Fast alle Patienten, die sich aus ihrer subjektiven Hilflosigkeit heraus in therapeutische Behandlung begeben, begegnen uns besonders anfangs mit einer persönlichen Maske. Nicht nur Mund-Nase, sondern vor allem Seelen-Maske. Alles, was sie von sich offenbaren, geht durch einen Filter – der zurückbehält, was wertvoll ist und vor allem: was verletzlich macht. Was man bei aller professionellen Perfektion einfach nicht begreifen und mit dem man nicht so souverän umgehen kann.. Kräftige, taffe Menschen zeigen keine Schwächen – davon geht man bei uns aus. Diese Patientin erscheint als so eine „taffe“ Businessfrau – unnahbar. Nur wenn es um ihr Leiden geht – aber das hat ja scheinbar nichts mit ihr zu tun. Anfangs zeigt es die Pulsdiagnose, später mit zunehmendem Vertrauensverhältnis auch die wachsende Offenheit: Hinter jeder Stärke steckt auch eine Schwäche….

Seit ihrer Jugend leidet Frau M.-L., 46 Jahre alt, an Migräne, besonders seit dem Eintritt in das 5. Lebensjahrzehnt.
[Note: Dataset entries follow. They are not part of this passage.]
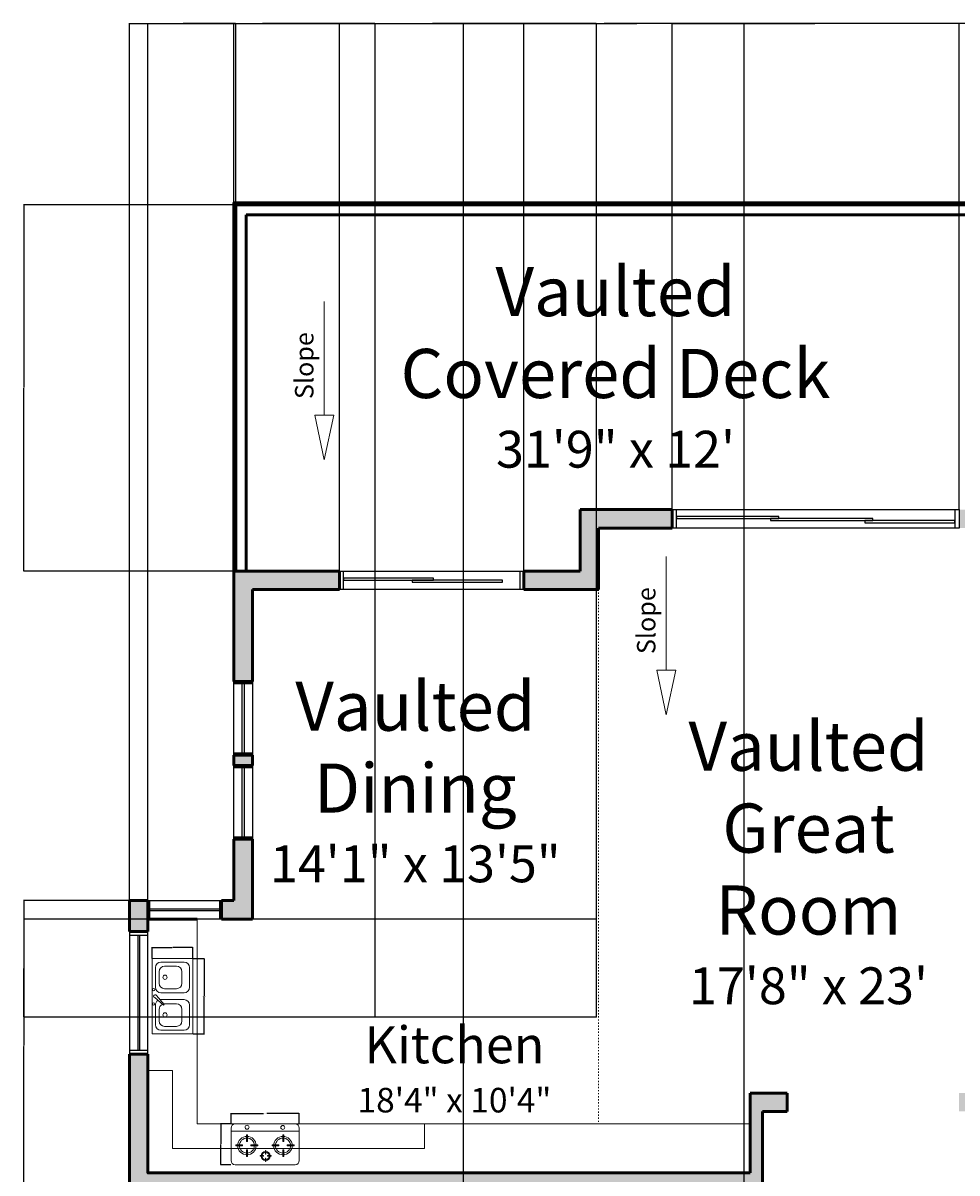
# Model space of a CAD drawing. Units: inches. Extents: x 296 to 2116, y 330 to 1460.
# Tile 3 of 9: x 296 to 752, y 898 to 1460. Entities that reach past the tile are written whole.
import ezdxf

# ---------------------------------------------------------------- set-up
doc = ezdxf.new("R2010")
doc.units = ezdxf.units.IN
doc.linetypes.add('ACAD_ISO03W100', pattern=[30, 12, -18])
for name, color, linetype, lineweight in [('A-ANNO-DIMS', 2, 'Continuous', 18), ('A-ANNO-SYMB', 2, 'Continuous', 18), ('A-ANNO-TEXT', 7, 'Continuous', 18), ('A-AREA-IDEN', 7, 'Continuous', 25), ('A-DOOR', 3, 'Continuous', 25), ('A-FLOR-FIXT', 8, 'Continuous', 18), ('A-FLOR-OVHD', 132, 'ACAD_ISO03W100', 18), ('A-GLAZ', 4, 'Continuous', 25), ('A-WALL', 7, 'Continuous', 50), ('A-WALL-PATT', 8, 'Continuous', 13)]:
    doc.layers.add(name, color=color, linetype=linetype, lineweight=lineweight)
doc.styles.get("Standard").update_dxf_attribs({"font": 'arial.ttf'})
doc.dimstyles.get("Standard").update_dxf_attribs({"dimtxt": 0.18, "dimasz": 0.18, "dimexe": 0.18, "dimexo": 0.0625, "dimgap": 0.09, "dimtad": 0, "dimtih": 1, "dimtoh": 1, "dimdec": 4, "dimzin": 0, "dimdsep": 46, "dimtxsty": 'Standard', "dimcen": 0.09, "dimadec": 0, "dimazin": 0, "dimtfac": 1, "dimtdec": 4, "dimtofl": 0, "dimtmove": 0, "dimatfit": 3, "dimfxl": 1, "dimtolj": 1, "dimtzin": 0, "dimarcsym": 0})

# ---------------------------------------------------------------- blocks, each defined once
blk = doc.blocks.new('A$C4ACA465A')
for p, q in [((0, 600), (0, 0)), ((0, 600), (1100, 600)), ((130, 550), (420, 550)), ((529, 561), (416, 432)), ((428, 421), (559, 534)), ((680, 550), (970, 550)), ((1100, 600), (1100, 0)), ((50, 470), (50, 130)), ((108, 416), (108, 241)), ((188, 496), (357, 496)), ((416, 432), (428, 421)), ((437, 416), (437, 241)), ((500, 470), (500, 130)), ((600, 470), (600, 130)), ((660, 416), (660, 241)), ((740, 496), (909, 496)), ((989, 416), (989, 241)), ((1050, 470), (1050, 130)), ((130, 50), (420, 50)), ((188, 161), (357, 161)), ((680, 50), (970, 50)), ((740, 161), (909, 161)), ((0, 0), (1100, 0))]:
    blk.add_line(p, q)
for centre, radius in [((437, 574), 17.2), ((647, 574), 17.2), ((275, 410), 31.1), ((827, 410), 31.1)]:
    blk.add_circle(centre, radius)
for centre, radius, start, end in [((130, 470), 80, 90, 180), ((420, 470), 80, 32.6633, 90), ((550, 554), 21.9, 294.4719, 162.1402), ((680, 470), 80, 90, 180), ((970, 470), 80, 0, 90), ((188, 416), 80, 90, 180), ((357, 416), 80, 23.6053, 90), ((357, 416), 80, 0, 8.7069), ((420, 470), 80, 0, 8.948), ((740, 416), 80, 90, 180), ((909, 416), 80, 0, 90), ((188, 241), 80, 180, 270), ((357, 241), 80, 270, 0), ((740, 241), 80, 180, 270), ((909, 241), 80, 270, 0), ((130, 130), 80, 180, 270), ((420, 130), 80, 270, 0), ((680, 130), 80, 180, 270), ((970, 130), 80, 270, 0)]:
    blk.add_arc(centre, radius, start, end)
blk = doc.blocks.new('A$C2A3C6842')
for p, q in [((0, 45), (0, 387)), ((45, 432), (675, 432)), ((352, 363), (352, 399)), ((352, 399), (357, 399)), ((357, 399), (357, 363)), ((720, 387), (720, 45)), ((162, 347), (173, 347)), ((162, 276), (162, 347)), ((173, 276), (162, 276)), ((173, 347), (173, 276)), ((298, 342), (298, 336)), ((334, 342), (298, 342)), ((298, 336), (334, 336)), ((334, 336), (334, 342)), ((357, 363), (352, 363)), ((357, 319), (352, 319)), ((352, 319), (352, 283)), ((352, 283), (357, 283)), ((357, 283), (357, 319)), ((379, 336), (379, 342)), ((379, 342), (414, 342)), ((414, 336), (379, 336)), ((414, 342), (414, 336)), ((545, 347), (556, 347)), ((545, 276), (545, 347)), ((556, 276), (545, 276)), ((556, 347), (556, 276)), ((55, 233), (55, 221)), ((127, 233), (55, 233)), ((55, 221), (127, 221)), ((127, 221), (127, 233)), ((173, 187), (162, 187)), ((162, 187), (162, 115)), ((173, 115), (173, 187)), ((216, 221), (216, 233)), ((216, 233), (287, 233)), ((287, 221), (216, 221)), ((287, 233), (287, 221)), ((438, 233), (438, 221)), ((510, 233), (438, 233)), ((438, 221), (510, 221)), ((510, 221), (510, 233)), ((556, 187), (545, 187)), ((545, 187), (545, 115)), ((556, 115), (556, 187)), ((598, 233), (670, 233)), ((598, 221), (598, 233)), ((670, 221), (598, 221)), ((670, 233), (670, 221)), ((1, 77), (720, 77)), ((162, 115), (173, 115)), ((545, 115), (556, 115)), ((675, 0), (45, 0))]:
    blk.add_line(p, q)
at = {"extrusion": (0, -1e-16, -1)}
for centre, major_axis, start_param, end_param in [((45, 387), (31.8, 31.8), 3.926991, 5.497787), ((172, 230), (-97.3, 0.1), -0.001099, 6.282086), ((552, 230), (-97.3, 0.1), -0.001099, 6.282086), ((174, 39), (-14.8, 14.8), 5.497787, 11.780972)]:
    blk.add_ellipse(centre, major_axis=major_axis, ratio=1, start_param=start_param, end_param=end_param, dxfattribs=at)
at = {"extrusion": (-1e-16, -1e-16, -1)}
blk.add_ellipse((355, 340), major_axis=(48.7, 0.1), ratio=1, start_param=3.144125, end_param=9.42731, dxfattribs=at)
at = {"extrusion": (-1e-16, 0, -1)}
for centre, major_axis, start_param, end_param in [((355, 340), (-39.7, 0), -0.000334, 6.282851), ((45, 45), (-31.8, 31.8), 3.926991, 5.497787)]:
    blk.add_ellipse(centre, major_axis=major_axis, ratio=1, start_param=start_param, end_param=end_param, dxfattribs=at)
at = {"extrusion": (0, 1e-16, -1)}
blk.add_ellipse((675, 387), major_axis=(-31.8, 31.8), ratio=1, start_param=0.785398, end_param=2.356194, dxfattribs=at)
at = {"extrusion": (-1e-16, -4e-16, -1)}
for centre in [(172, 230), (552, 230)]:
    blk.add_ellipse(centre, major_axis=(-79.3, 0), ratio=1, start_param=-0.0002116186602152, end_param=6.282973688519371, dxfattribs=at)
at = {"extrusion": (2e-16, -2e-16, -1)}
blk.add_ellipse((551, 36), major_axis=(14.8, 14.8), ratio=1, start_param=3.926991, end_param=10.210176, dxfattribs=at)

Auffällig ist ihre laute, durchdringende und ausgeprägt akzentuierte Stimme und ein mehr als deutlich selbstbewusstes Auftreten. 
Bis zu 10 Tage leidet sie durchgehend in den ersten beiden Zykluswochen an Migräne. Arbeiten ist dann fast unmöglich. Grundsätzlich treten 2 Formen von Migräne bei ihr auf: zum einen in der 1. Zyklushälfte mit begleitendem benebelten, matschigen Gefühl im Kopf und Übelkeit/Erbrechen und auch Sodbrennen, dann aber auch später im Zyklus vom Nacken linksseitig ausgehend bis zum linken Auge, auch bei Wetterumschwüngen. 
Stressig war der Berufswechsel vor einem Jahr, als belastend empfindet sie ihren Perfektionismus, auch dies bewirkt dauernde Angespanntheit. Besonders seit dem Wechsel zu einem neuen Arbeitgeber, einem neuen Team und neuen Herausforderungen fühlt sie sich erschöpft. Neben der Migräne traten jetzt noch immer wieder Schwindel und diffuser Juckreiz ungeklärter Genese auf. 
Emotional belasten sie die Sorgen um ihre psychisch kranke latent suizidgefährdete Schwester - das viele Arbeiten war jahrelang auch eine Flucht für sie.
Frau M.-L. hat schon länger keine Beziehung mehr. Sexualität ist für sie: „die Wüste Gobi“
Puls: alle Pulse Xian Mai, Niere Xi Mai
Zunge: Rand rötlich, UZV ausgeprägt gestaut


TCM-Diagnose: 
Leber Qi Stagnation und -Xue-Schwäche – Pulse Verspannungen, Persönlichkeit; 
Feuchtigkeit/Hitze im Zhong Jiao – emotionale Belastung, gastrointestinale Beschwerden, Migräne; 
Nieren-Leere – Puls, Ängste
Behandlung: Akupunktur, Chin. Arzneimittel gelegentlich als Zäpfchen.


Verlauf:
Frau M.-L. ist anfangs äußerst skeptisch gegenüber den TCM-Behandlungsmethoden, hat mit chin. Arzneimitteln schlechte Erfahrungen gemacht – aufgetretene Symptome wurden von ihr auf diese zurückgeführt. Ähnliches berichtete sie auch über die Akupunktur – also trat sie auch bei mir der TCM-Behandlung mit sehr ausgeprägter Skepsis entgegen – ihr Vertrauen musste folglich erst verdient werden. Neben der Behandlung bei mir war sie noch bei einem Hormonspezialisten, der ihr Anfangs „bioidentisches“ Progesteron, DHEA und Pregnenolon verordnet hatte. Die Akupunktur erfolgte mit feinen Seirin-Nadeln mit max.- 2-3 Punkten/Sitzung, die sich wie Le3/Di4, Le3/Pc6 oder MP 10/Gb34 auf die Auflösung der Leber-Qi-bedingten Blockaden konzentrierten. In vielen therapeutischen Gesprächen beschäftigten wir uns mit ihrer beruflichen und privaten Situation. 14x war Frau M.-L. zur Behandlung innerhalb eines halben Jahres. Nach 3 Monaten konnte sie feststellen, daß die Migräne deutlich weniger prägnant auftrat und vor allem sehr, sehr viel seltener – ohne dadurch verursachte Arbeitsausfälle. Psychisch empfand sie sich als wesentlich stabiler.